This process has a connection from mars port 58901 to mars port csm_service (you can see the portnumber in /etc/services)

try:
lsof | grep csm_service

maybe you get something like this:
mars:csm_service-->mars:58901

with another PID

Chris
Adam J Markiewicz
Trusted Contributor

Re: killing a process

I don't know if this is your case.

I had a problem with a process hanging on the socket. SIGKILL didn't help. However SIGALRM did.

Good luck

Adam
I do everything perfectly, except from my mistakes
Pete Randall
Outstanding Contributor

Re: killing a process

A process like this with a parent PID of 1 is a true orphaned zombie. The only way to kill a zombie is to kill off the parent.
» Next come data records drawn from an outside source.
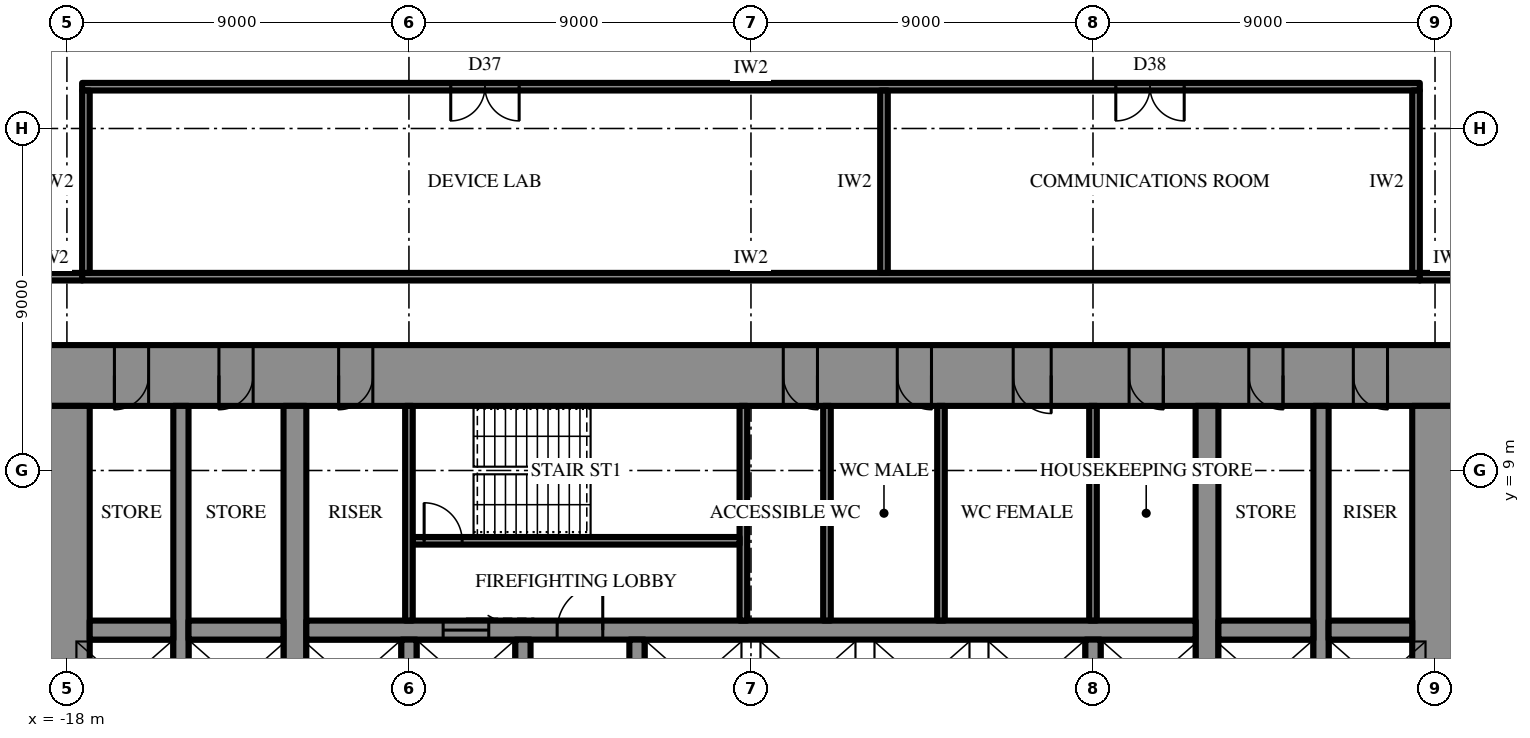
"""IFC4 building model, lengths in metres.
Left out: names, types, materials, properties, quantities, classifications, styles, units other than length and angle.
Written with IfcOpenShell. Run it as: python <this file> out.ifc"""

import sys

from ifc_helpers import new_model, si_unit, direction, frame, frame_2d, origin, place, context, subcontext, project, spatial, rectangle, extrude, element, fill, save


model = new_model("IFC4")
c1 = context("Model", 3, precision=1e-05, world=origin(), true_north=direction((0.0, 1.0)))
c2 = subcontext(c1, "Body", "Model", "MODEL_VIEW")
j1 = project(units=[si_unit("LENGTHUNIT", "METRE"), si_unit("PLANEANGLEUNIT", "RADIAN")], contexts=[c1])
p1 = place(None, origin())
s1 = spatial("IfcSite", under=j1, at=p1, CompositionType="ELEMENT")
p2 = place(p1, origin())
s2 = spatial("IfcBuilding", under=s1, at=p2, CompositionType="ELEMENT")
p3 = place(p2, frame((0.0, 0.0, 44.5)))
s3 = spatial("IfcBuildingStorey", under=s2, at=p3, CompositionType="ELEMENT", Elevation=44.5)
p4 = place(p3, frame((-18.6, 11.5, 0.0), z_axis=(0.0, 0.0, 1.0), x_axis=(1.0, 0.0, 0.0)))
e1 = element("IfcWall", 1, at=p4, inside=s3, PredefinedType="SHEAR", context=c2, shape_type="SweptSolid", body=[
    extrude(rectangle(XDim=37.2, YDim=1.6, at=frame_2d((18.6, 0.0))), origin(), (0.0, 0.0, 1.0), 4.2),
])
p5 = place(p4, frame((19.45, 0.0, 0.0)))
e2 = element("IfcOpeningElement", 2, at=p5, cuts=e1, PredefinedType="OPENING", context=c2, shape_type="SweptSolid", body=[
    extrude(rectangle(XDim=0.9, YDim=2.2, at=frame_2d((0.45, 1.1))), frame((0.0, 0.81, 0.0), z_axis=(0.0, -1.0, 0.0), x_axis=(1.0, 0.0, 0.0)), (0.0, 0.0, 1.0), 1.62),
])
p6 = place(p4, frame((22.45, 0.0, 0.0)))
e3 = element("IfcOpeningElement", 3, at=p6, cuts=e1, PredefinedType="OPENING", context=c2, shape_type="SweptSolid", body=[
    extrude(rectangle(XDim=0.9, YDim=2.2, at=frame_2d((0.45, 1.1))), frame((0.0, 0.81, 0.0), z_axis=(0.0, -1.0, 0.0), x_axis=(1.0, 0.0, 0.0)), (0.0, 0.0, 1.0), 1.62),
])
p7 = place(p4, frame((25.5, 0.0, 0.0)))
e4 = element("IfcOpeningElement", 4, at=p7, cuts=e1, PredefinedType="OPENING", context=c2, shape_type="SweptSolid", body=[
    extrude(rectangle(XDim=1.0, YDim=2.2, at=frame_2d((0.5, 1.1))), frame((0.0, 0.81, 0.0), z_axis=(0.0, -1.0, 0.0), x_axis=(1.0, 0.0, 0.0)), (0.0, 0.0, 1.0), 1.62),
])
p8 = place(p4, frame((1.85, 0.0, 0.0)))
e5 = element("IfcOpeningElement", 5, at=p8, cuts=e1, PredefinedType="OPENING", context=c2, shape_type="SweptSolid", body=[
    extrude(rectangle(XDim=0.9, YDim=2.2, at=frame_2d((0.45, 1.1))), frame((0.0, 0.81, 0.0), z_axis=(0.0, -1.0, 0.0), x_axis=(1.0, 0.0, 0.0)), (0.0, 0.0, 1.0), 1.62),
])
p9 = place(p4, frame((4.6, 0.0, 0.0)))
e6 = element("IfcOpeningElement", 6, at=p9, cuts=e1, PredefinedType="OPENING", context=c2, shape_type="SweptSolid", body=[
    extrude(rectangle(XDim=0.9, YDim=2.2, at=frame_2d((0.45, 1.1))), frame((0.0, 0.81, 0.0), z_axis=(0.0, -1.0, 0.0), x_axis=(1.0, 0.0, 0.0)), (0.0, 0.0, 1.0), 1.62),
])
p10 = place(p4, frame((7.75, 0.0, 0.0)))
e7 = element("IfcOpeningElement", 7, at=p10, cuts=e1, PredefinedType="OPENING", context=c2, shape_type="SweptSolid", body=[
    extrude(rectangle(XDim=0.9, YDim=2.2, at=frame_2d((0.45, 1.1))), frame((0.0, 0.81, 0.0), z_axis=(0.0, -1.0, 0.0), x_axis=(1.0, 0.0, 0.0)), (0.0, 0.0, 1.0), 1.62),
])
p11 = place(p4, frame((28.55, 0.0, 0.0)))
e8 = element("IfcOpeningElement", 8, at=p11, cuts=e1, PredefinedType="OPENING", context=c2, shape_type="SweptSolid", body=[
    extrude(rectangle(XDim=0.9, YDim=2.2, at=frame_2d((0.45, 1.1))), frame((0.0, 0.81, 0.0), z_axis=(0.0, -1.0, 0.0), x_axis=(1.0, 0.0, 0.0)), (0.0, 0.0, 1.0), 1.62),
])
p12 = place(p4, frame((31.7, 0.0, 0.0)))
e9 = element("IfcOpeningElement", 9, at=p12, cuts=e1, PredefinedType="OPENING", context=c2, shape_type="SweptSolid", body=[
    extrude(rectangle(XDim=0.9, YDim=2.2, at=frame_2d((0.45, 1.1))), frame((0.0, 0.81, 0.0), z_axis=(0.0, -1.0, 0.0), x_axis=(1.0, 0.0, 0.0)), (0.0, 0.0, 1.0), 1.62),
])
p13 = place(p4, frame((34.45, 0.0, 0.0)))
e10 = element("IfcOpeningElement", 10, at=p13, cuts=e1, PredefinedType="OPENING", context=c2, shape_type="SweptSolid", body=[
    extrude(rectangle(XDim=0.9, YDim=2.2, at=frame_2d((0.45, 1.1))), frame((0.0, 0.81, 0.0), z_axis=(0.0, -1.0, 0.0), x_axis=(1.0, 0.0, 0.0)), (0.0, 0.0, 1.0), 1.62),
])
p14 = place(p3, frame((18.0, -10.7, 0.0), z_axis=(0.0, 0.0, 1.0), x_axis=(0.0, 1.0, 0.0)))
e11 = element("IfcWall", 11, at=p14, inside=s3, PredefinedType="SHEAR", context=c2, shape_type="SweptSolid", body=[
    extrude(rectangle(XDim=21.4, YDim=1.2, at=frame_2d((10.7, 0.0))), origin(), (0.0, 0.0, 1.0), 4.2),
])
p15 = place(p14, frame((9.8, 0.0, 0.0)))
e12 = element("IfcOpeningElement", 12, at=p15, cuts=e11, PredefinedType="OPENING", context=c2, shape_type="SweptSolid", body=[
    extrude(rectangle(XDim=1.8, YDim=2.4, at=frame_2d((0.9, 1.2))), frame((0.0, 0.61, 0.0), z_axis=(0.0, -1.0, 0.0), x_axis=(1.0, 0.0, 0.0)), (0.0, 0.0, 1.0), 1.22),
])
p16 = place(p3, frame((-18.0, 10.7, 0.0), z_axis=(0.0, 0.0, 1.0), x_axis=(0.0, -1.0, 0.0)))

Since you really don't want to kill off PID 1, there's no way to do it. You can't kill it. The only way to get rid of it is reboot.

Pete

Pete
Bill Hassell
Honored Contributor

Re: killing a process

The problem is with networking. You'll need to look at how the program is handling socket connections as well as NFS usage. Assume that all network connections are extremely unreliable and must be explicitly monitored for proper completion. Your program is hung on network activity that will never complete, thus making kill -9 (and all other kill signals fir that matter) appear to be ineffective. The reality is that once the network connection completes the current trasnaction (pass or fail doesn't matter) then your program will disappear. The kill command is actually a process signal transmitter, but it is the program's responsibility to 'see' the signal. Your program can't see anything because it's waiting on I/O. HP-UX lacks an abort-I/O command.

But until that time, it will simply sit there since the kernel has done all it can to tell the program to go away. Datacomm and network connections are the most common sources for processes that hang and can't be killed with kill -9.


Bill Hassell, sysadmin
Michael Steele_2
Honored Contributor

Re: killing a process

Pull your LAN cable.
Support Fatherhood - Stop Family Law